Singleton argues that the agency “did not properly evaluate
Singleton’s past performance by failing to take into account
past performance information regarding Singleton’s subcontractor
who would perform major or critical aspects of the
solicitation’s requirements.” Protest at 4. In this regard, the
protester points out that Federal Acquisition Regulation (FAR)
sect. 15.305(a)(2)(iii) states that a past performance
“evaluation should take into account past performance
information regarding predecessor companies, key personnel who
have relevant experience, or subcontractors that will perform
major or critical aspects of the requirement when such
information is relevant to the instant acquisition.” The
protester also points out that the RFP did not state that the
agency would not consider the past performance of proposed
subcontractors in evaluating past performance, and that our
Office has previously found that the past performance of a
proposed subcontractor may be considered in determining whether
an offeror meets experience or past performance requirements in
a solicitation where the solicitation does not expressly
prohibit its consideration. Protester’s Comments at 1, 3; see
The Paintworks, Inc., B‑292982; B‑292982.2, Dec. 23, 2003, 2003
CPD para. 234 at 3. The agency responds by pointing out
that it “never stated in the RFP that the past performance of
other than the offeror would be considered,” and that the RFP
did not specifically “request that the offerors submit past
performance information for proposed major subcontractors.”

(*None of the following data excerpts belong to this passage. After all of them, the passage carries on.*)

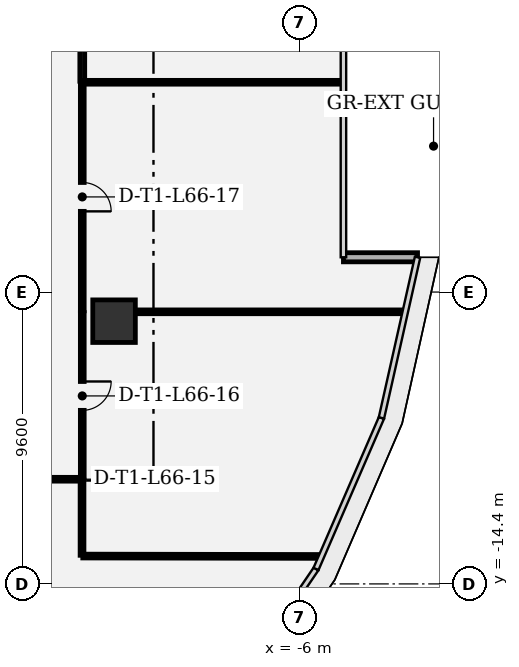
"""IFC4 building model, lengths in metres.
Left out: names, types, materials, properties, quantities, classifications, styles, units other than length and angle.
Written with IfcOpenShell. Run it as: python <this file> out.ifc"""

import sys

from ifc_helpers import new_model, si_unit, direction, frame, frame_2d, origin, origin_2d, place, context, subcontext, project, spatial, rectangle, extrude, element, fill, save


model = new_model("IFC4")
c1 = context("Model", 3, precision=1e-05, world=origin(), true_north=direction((0.0, 1.0)))
c2 = subcontext(c1, "Body", "Model", "MODEL_VIEW")
j1 = project(units=[si_unit("LENGTHUNIT", "METRE"), si_unit("PLANEANGLEUNIT", "RADIAN")], contexts=[c1])
p1 = place(None, origin())
s1 = spatial("IfcSite", under=j1, at=p1, CompositionType="ELEMENT")
p2 = place(p1, origin())
s2 = spatial("IfcBuilding", under=s1, at=p2, CompositionType="ELEMENT")
p3 = place(p2, frame((0.0, 0.0, 285.0)))
s3 = spatial("IfcBuildingStorey", under=s2, at=p3, CompositionType="ELEMENT", Elevation=285.0)
p4 = place(p3, frame((-12.097, -5.758, 0.0), z_axis=(0.0, 0.0, 1.0), x_axis=(1.0, 0.0, 0.0)))
e1 = element("IfcColumn", 1, at=p4, inside=s3, PredefinedType="COLUMN", context=c2, shape_type="SweptSolid", body=[
    extrude(rectangle(XDim=1.4, YDim=1.4, at=origin_2d()), origin(), (0.0, 0.0, 1.0), 4.2),
])
p5 = place(p3, frame((-2.115, -3.656, 0.0), z_axis=(0.0, 0.0, 1.0), x_axis=(-1.0, 0.0, 0.0)))
e2 = element("IfcWall", 2, at=p5, inside=s3, PredefinedType="SOLIDWALL", context=c2, shape_type="SweptSolid", body=[
    extrude(rectangle(XDim=2.437, YDim=0.3, at=frame_2d((1.219, 0.0))), origin(), (0.0, 0.0, 1.0), 3.91),
])
p6 = place(p3, frame((-5.356, -13.497, 0.0), z_axis=(0.0, 0.0, 1.0), x_axis=(-0.999998664878, 0.001634087442, 0.0)))
e3 = element("IfcWall", 3, at=p6, inside=s3, PredefinedType="PARTITIONING", context=c2, shape_type="SweptSolid", body=[
    extrude(rectangle(XDim=7.769, YDim=0.125, at=frame_2d((3.885, 0.0))), origin(), (0.0, 0.0, 1.0), 3.91),
])
p7 = place(p3, frame((-13.15, -13.459, 0.0), z_axis=(0.0, 0.0, 1.0), x_axis=(0.0, 1.0, 0.0)))
e4 = element("IfcWall", 4, at=p7, inside=s3, PredefinedType="PARTITIONING", context=c2, shape_type="SweptSolid", body=[
    extrude(rectangle(XDim=2.476, YDim=0.125, at=frame_2d((1.238, 0.0))), origin(), (0.0, 0.0, 1.0), 3.91),
])
p8 = place(p3, frame((-13.175, -10.958, 0.0), z_axis=(0.0, 0.0, 1.0), x_axis=(-0.999999486867, 0.001013047539, 0.0)))
e5 = element("IfcWall", 5, at=p8, inside=s3, PredefinedType="PARTITIONING", context=c2, shape_type="SweptSolid", body=[
    extrude(rectangle(XDim=6.025, YDim=0.125, at=frame_2d((3.012, 0.0))), origin(), (0.0, 0.0, 1.0), 3.529),
])
p9 = place(p8, frame((2.175, 0.0, 0.0)))
e6 = element("IfcOpeningElement", 6, at=p9, cuts=e5, PredefinedType="OPENING", context=c2, shape_type="SweptSolid", body=[
    extrude(rectangle(XDim=0.95, YDim=2.15, at=frame_2d((0.475, 1.075))), frame((0.0, 0.073, 0.0), z_axis=(0.0, -1.0, 0.0), x_axis=(1.0, 0.0, 0.0)), (0.0, 0.0, 1.0), 0.145),
])
p10 = place(p3, frame((-2.598, -5.45, 0.0), z_axis=(0.0, 0.0, 1.0), x_axis=(-1.0, 0.0, 0.0)))
e7 = element("IfcWall", 7, at=p10, inside=s3, PredefinedType="PARTITIONING", context=c2, shape_type="SweptSolid", body=[
    extrude(rectangle(XDim=8.734, YDim=0.125, at=frame_2d((4.367, 0.0))), origin(), (0.0, 0.0, 1.0), 3.91),
])
p11 = place(p3, frame((-13.142, -5.475, 0.0), z_axis=(0.0, 0.0, 1.0), x_axis=(0.0, -1.0, 0.0)))
e8 = element("IfcWall", 8, at=p11, inside=s3, PredefinedType="PARTITIONING", context=c2, shape_type="SweptSolid", body=[
    extrude(rectangle(XDim=5.483, YDim=0.125, at=frame_2d((2.741, 0.0))), origin(), (0.0, 0.0, 1.0), 3.13),
])
p12 = place(p11, frame((2.266, 0.0, 0.0)))
e9 = element("IfcOpeningElement", 9, at=p12, cuts=e8, PredefinedType="OPENING", context=c2, shape_type="SweptSolid", body=[
    extrude(rectangle(XDim=0.95, YDim=2.15, at=frame_2d((0.475, 1.075))), frame((0.0, 0.073, 0.0), z_axis=(0.0, -1.0, 0.0), x_axis=(1.0, 0.0, 0.0)), (0.0, 0.0, 1.0), 0.145),
])
p13 = place(p3, frame((-4.632, 2.101, 0.0), z_axis=(0.0, 0.0, 1.0), x_axis=(-1.0, 0.0, 0.0)))
e10 = element("IfcWall", 10, at=p13, inside=s3, PredefinedType="PARTITIONING", context=c2, shape_type="SweptSolid", body=[
    extrude(rectangle(XDim=8.485, YDim=0.125, at=frame_2d((4.243, 0.0))), origin(), (0.0, 0.0, 1.0), 3.91),
])
p14 = place(p3, frame((-13.142, 2.076, 0.0), z_axis=(0.0, 0.0, 1.0), x_axis=(0.0, -1.0, 0.0)))
e11 = element("IfcWall", 11, at=p14, inside=s3, PredefinedType="PARTITIONING", context=c2, shape_type="SweptSolid", body=[
    extrude(rectangle(XDim=7.493, YDim=0.125, at=frame_2d((3.746, 0.0))), origin(), (0.0, 0.0, 1.0), 3.91),
])
p15 = place(p14, frame((3.271, 0.0, 0.0)))
e12 = element("IfcOpeningElement", 12, at=p15, cuts=e11, PredefinedType="OPENING", context=c2, shape_type="SweptSolid", body=[
    extrude(rectangle(XDim=0.95, YDim=2.15, at=frame_2d((0.475, 1.075))), frame((0.0, 0.073, 0.0), z_axis=(0.0, -1.0, 0.0), x_axis=(1.0, 0.0, 0.0)), (0.0, 0.0, 1.0), 0.145),
])
p16 = place(p3, frame((-13.142, 8.576, 0.0), z_axis=(0.0, 0.0, 1.0), x_axis=(0.0, -1.0, 0.0)))
e13 = element("IfcWall", 13, at=p16, inside=s3, PredefinedType="PARTITIONING", context=c2, shape_type="SweptSolid", body=[
    extrude(rectangle(XDim=6.442, YDim=0.16, at=frame_2d((3.221, 0.0))), origin(), (0.0, 0.0, 1.0), 3.13),
])
p17 = place(p16, frame((3.816, 0.0, 0.0)))
e14 = element("IfcOpeningElement", 14, at=p17, cuts=e13, PredefinedType="OPENING", context=c2, shape_type="SweptSolid", body=[
    extrude(rectangle(XDim=1.1, YDim=2.15, at=frame_2d((0.55, 1.075))), frame((0.0, 0.09, 0.0), z_axis=(0.0, -1.0, 0.0), x_axis=(1.0, 0.0, 0.0)), (0.0, 0.0, 1.0), 0.18),
])
p18 = place(p12, origin())
e15 = element("IfcDoor", 15, at=p18, inside=s3, OperationType="SINGLE_SWING_LEFT", PredefinedType="DOOR", context=c2, shape_type="SweptSolid", body=[
    extrude(rectangle(XDim=0.95, YDim=2.15, at=frame_2d((0.475, 1.075))), frame((0.0, 0.025, 0.0), z_axis=(0.0, -1.0, 0.0), x_axis=(1.0, 0.0, 0.0)), (0.0, 0.0, 1.0), 0.05),
])
fill(e9, e15)
p19 = place(p15, origin())
e16 = element("IfcDoor", 16, at=p19, inside=s3, OperationType="SINGLE_SWING_RIGHT", PredefinedType="DOOR", context=c2, shape_type="SweptSolid", body=[
    extrude(rectangle(XDim=0.95, YDim=2.15, at=frame_2d((0.475, 1.075))), frame((0.0, 0.025, 0.0), z_axis=(0.0, -1.0, 0.0), x_axis=(1.0, 0.0, 0.0)), (0.0, 0.0, 1.0), 0.05),
])
fill(e12, e16)
save(model, sys.argv[1])

Contracting Officer’s Statement at 7; see AR at 4. The agency
notes that our Office has recognized that FAR sect.
15.305(a)(2)(iii), cited by the protester, does not mandate that
agencies consider the past performance of subcontractors, but
only states that agencies “should” consider such information. AR
at 6, citing MW-All Star Joint Venture, B-291170.4, Aug. 4,
2003, 2004 CPD para. 98 at 4 and TyeCom, Inc., B‑287321.3,
B-287321.4, Apr. 29, 2002, 2002 CPD para. 101 at 6. The agency
thus concludes that “the only reasonable construction of the
[RFP’s] past performance evaluation clause is that only prime
contractor past performance information would be considered by
GSA in evaluating offers,” and that Singleton’s protest is an
untimely challenge of an alleged impropriety apparent from the
solicitation. AR at 5; see Bid Protest Regulations, 4 C.F.R.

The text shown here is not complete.